PHOENIX MUTUAL LIFE INSURANCE COMPANY, Appellant.
No. 20225.
Supreme Court of South Carolina.
June 1, 1976.

Page 345

[266 S.C. 585] Forrest C. Wilkerson, Roddey, Sumwalt & Carpenter, Rock Hill, for appellant.

[266 S.C. 586] John C. Hayes and B. D. Hayes, Hayes, Brunson & Gatlin, Rock Hill, for respondent.

LITTLEJOHN, Justice:

This action was commenced to recover benefits allegedly due under a group life and major medical expense benefit contract of insurance. The lower court, ruling without a jury, after a reference, granted a judgment representing hospitalization and other medical expenses in favor of the plaintiff. The defendant, insurer, has appealed. We reverse.

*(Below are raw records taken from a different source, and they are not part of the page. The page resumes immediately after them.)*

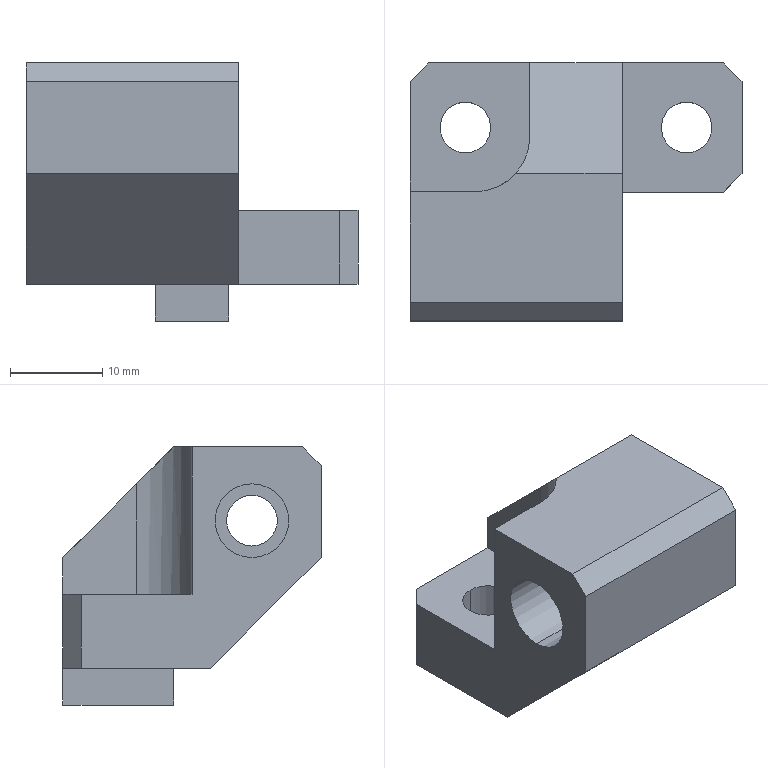Component | SolidWorks | 015GuideRodHolder-1 | 1 solid | 32 faces | box 36 x 28 x 28 mm | volume 10606 mm3 | plane 23 | cylinder 9 | commonest cylinder face diameters 5.5 x6 8 x2 12 x1
build123d program:
from build123d import *

# Parameters (mm, degrees)
SKETCH1_W                = 14
SKETCH1_H                = 36
EXTRUDE1_DEPTH           = 8
SKETCH3_W                = 28
SKETCH3_H                = 10
EXTRUDE3_DEPTH           = 16
M5_CLEARANCE_HOLE2_D     = 5.5
M5_CLEARANCE_HOLE2_DEPTH = 40
SKETCH7_R                = 4
CUT_EXTRUDE1_DEPTH       = 6
M5_CLEARANCE_HOLE1_D     = 5.5
M5_CLEARANCE_HOLE1_DEPTH = 23
SKETCH10_W               = 14
SKETCH10_H               = 10
EXTRUDE4_DEPTH           = 8
BOSS_EXTRUDE1_START      = 13
SKETCH12_W               = 14
SKETCH12_H               = 24
SKETCH12_R               = 4
BOSS_EXTRUDE1_DEPTH      = 13
FILLET1_R                = 6
SKETCH13_W               = 12
SKETCH13_H               = 8
BOSS_EXTRUDE2_DEPTH      = 4
FILLET1_OF_MIRROR3_R     = 6
SKETCH14_W               = 28
SKETCH14_H               = 28
CUT_EXTRUDE2_DEPTH       = 53.545
CHAMFER2_SIZE            = 2
CHAMFER3_SIZE            = 12
CHAMFER4_SIZE            = 2


with BuildPart() as part:
    # Sketch1 → Extrude1 (new body)
    with BuildSketch(Plane.XY):
        Rectangle(SKETCH1_W, SKETCH1_H)
    extrude1 = extrude(amount=EXTRUDE1_DEPTH)

    # Sketch3 → Extrude3 (add)
    with BuildSketch(Plane.XY.offset(8)):
        with Locations((7, 0)):
            Rectangle(SKETCH3_W, SKETCH3_H)
    extrude3 = extrude(amount=EXTRUDE3_DEPTH)

    # M5 Clearance Hole2
    with Locations(Plane.XY.offset(8)):
        with Locations((0, 12), (0, -12)):
            m5_clearance_hole2 = Hole(M5_CLEARANCE_HOLE2_D / 2, depth=M5_CLEARANCE_HOLE2_DEPTH)

    # Sketch7 → Cut-Extrude1 (cut)
    with BuildSketch(Plane(origin=(0, 5, 0), x_dir=(-1, 0, 0), z_dir=(0, 1, 0))):
        with Locations(Location((-13.5, 16, 0), (0, 0, 90))):
            Circle(SKETCH7_R)
    cut_extrude1 = extrude(amount=-CUT_EXTRUDE1_DEPTH, mode=Mode.SUBTRACT)

    # M5 Clearance Hole1
    with Locations(Plane(origin=(13.5, -5, 16), x_dir=(0, 0, -1), z_dir=(0, -1, 0))):
        with Locations((0, 0)):
            m5_clearance_hole1 = Hole(M5_CLEARANCE_HOLE1_D / 2, depth=M5_CLEARANCE_HOLE1_DEPTH)

    # Sketch10 → Extrude4 (add)
    with BuildSketch(Plane(origin=(0, 0, 8), x_dir=(-1, 0, 0), z_dir=(0, 0, -1))):
        with Locations((-14, 0)):
            Rectangle(SKETCH10_W, SKETCH10_H)
    extrude4 = extrude(amount=EXTRUDE4_DEPTH)

    # Sketch12 → Boss-Extrude1 (add)
    with BuildSketch(Plane(origin=(0, 5, 0), x_dir=(1, 0, 0), z_dir=(0, 1, 0)).offset(BOSS_EXTRUDE1_START)):
        with Locations((14, -12)):
            Rectangle(SKETCH12_W, SKETCH12_H)
        with Locations(Location((13.5, -16, 0), (0, 0, 270))):
            Circle(SKETCH12_R, mode=Mode.SUBTRACT)
    boss_extrude1 = extrude(amount=-BOSS_EXTRUDE1_DEPTH)

    # Fillet1
    fillet1_edges = [part.edges().sort_by_distance(p)[0] for p in [
        (7, 5, 16),
    ]]
    fillet(fillet1_edges, radius=FILLET1_R)

    # Sketch13 → Boss-Extrude2 (add)
    with BuildSketch(Plane(origin=(0, 0, 0), x_dir=(-1, 0, 0), z_dir=(0, 0, -1))):
        with Locations((1, 0)):
            Rectangle(SKETCH13_W, SKETCH13_H)
    boss_extrude2 = extrude(amount=BOSS_EXTRUDE2_DEPTH)

    # Mirror3: Extrude1, Extrude3, M5 Clearance Hole2, Cut-Extrude1, M5 Clearance Hole1, Extrude4, Boss-Extrude1, Boss-Extrude2 across plane
    add(extrude1.mirror(Plane.XY.offset(-4)))
    add(extrude3.mirror(Plane.XY.offset(-4)))
    add(m5_clearance_hole2.mirror(Plane.XY.offset(-4)), mode=Mode.SUBTRACT)
    add(cut_extrude1.mirror(Plane.XY.offset(-4)), mode=Mode.SUBTRACT)
    add(m5_clearance_hole1.mirror(Plane.XY.offset(-4)), mode=Mode.SUBTRACT)
    add(extrude4.mirror(Plane.XY.offset(-4)))
    add(boss_extrude1.mirror(Plane.XY.offset(-4)))
    add(boss_extrude2.mirror(Plane.XY.offset(-4)))

    # Fillet1 of Mirror3
    fillet1_of_mirror3_edges = [part.edges().sort_by_distance(p)[0] for p in [
        (7, 5, -24),
    ]]
    fillet(fillet1_of_mirror3_edges, radius=FILLET1_OF_MIRROR3_R)

    # Sketch14 → Cut-Extrude2 (cut, through all)
    with BuildSketch(Plane.XZ.offset(18)):
        with Locations((7, 10)):
            Rectangle(SKETCH14_W, SKETCH14_H)
    extrude(amount=-CUT_EXTRUDE2_DEPTH, mode=Mode.SUBTRACT)

    # Chamfer2
    chamfer2_edges = [part.edges().sort_by_distance(p)[0] for p in [
        (-7, 18, -12),
        (7, -18, -12),
        (-7, -18, -12),
    ]]
    chamfer(chamfer2_edges, length=CHAMFER2_SIZE)

    # Chamfer3
    chamfer3_edges = [part.edges().sort_by_distance(p)[0] for p in [
        (21, 6.5, -8),
        (-7, 0, -32),
    ]]
    chamfer(chamfer3_edges, length=CHAMFER3_SIZE)

    # Chamfer4
    chamfer4_edges = [part.edges().sort_by_distance(p)[0] for p in [
        (21, 6.5, -32),
    ]]
    chamfer(chamfer4_edges, length=CHAMFER4_SIZE)


solid = part.part

# Placed as in the assembly
solid = solid.moved(Location((25.76, 38.424, 29.04), (180, 0, 90)))
STEP:
#1=COLOUR_RGB('',0.7922,0.8196,0.9333);
#2=FILL_AREA_STYLE_COLOUR('',#1);
#3=FILL_AREA_STYLE('',(#2));
#4=SURFACE_STYLE_FILL_AREA(#3);
#5=SURFACE_SIDE_STYLE('',(#4));
#6=SURFACE_STYLE_USAGE(.BOTH.,#5);
#7=PRESENTATION_STYLE_ASSIGNMENT((#6));
#8=CARTESIAN_POINT('',(1.054,0.9813,2.196));
#9=VERTEX_POINT('',#8);
#10=CARTESIAN_POINT('',(1.054,0.9813,1.98));
#11=VERTEX_POINT('',#10);
#12=CARTESIAN_POINT('',(1.054,0.9813,2.088));
#13=DIRECTION('',(1.,0.,0.));
#14=DIRECTION('',(0.,0.,1.));
#15=AXIS2_PLACEMENT_3D('',#12,#13,#14);
#16=CIRCLE('',#15,0.1083);
#17=EDGE_CURVE('',#9,#11,#16,.T.);
#18=ORIENTED_EDGE('',*,*,#17,.F.);
#19=CARTESIAN_POINT('',(1.211,0.9813,2.196));
#20=VERTEX_POINT('',#19);
#21=CARTESIAN_POINT('',(1.211,0.9813,2.196));
#22=DIRECTION('',(1.,0.,0.));
#23=VECTOR('',#22,39.37);
#24=LINE('',#21,#23);
#25=EDGE_CURVE('',#9,#20,#24,.T.);
#26=ORIENTED_EDGE('',*,*,#25,.T.);
#27=CARTESIAN_POINT('',(1.211,0.9813,1.98));
#28=VERTEX_POINT('',#27);
#29=CARTESIAN_POINT('',(1.211,0.9813,2.088));
#30=DIRECTION('',(-1.,-0.,0.));
#31=DIRECTION('',(0.,0.,-1.));
#32=AXIS2_PLACEMENT_3D('',#29,#30,#31);
#33=CIRCLE('',#32,0.1083);
#34=EDGE_CURVE('',#28,#20,#33,.T.);
#35=ORIENTED_EDGE('',*,*,#34,.F.);
#36=CARTESIAN_POINT('',(1.211,0.9813,1.98));
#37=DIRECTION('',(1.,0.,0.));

The plaintiff is the manager, in Rock Hill, of one of Raylass' Department Stores. Raylass became a participant in a group policy offered by Phoenix, the insurer, in November of 1971. The master policy of insurance is voluminous and is held by Raylass at the home office in New York, as trustee for the employees covered by the single policy. The brief of counsel indicates that thousands of employees are insured. Each insured person, including the plaintiff herein, received a certificate of insurance sometime in December 1971, evidencing acceptance of the insurance and setting forth not all, but the more important portions of the group policy. The certificate itself specifies that it is not a contract and that it is merely a statement of the insurance provided under the policy. Although the certificate held by the respective employees specifies that it is not a part of the contract,[266 S.C. 587] it quotes, verbatim, the relevant portions with which we are concerned in this action.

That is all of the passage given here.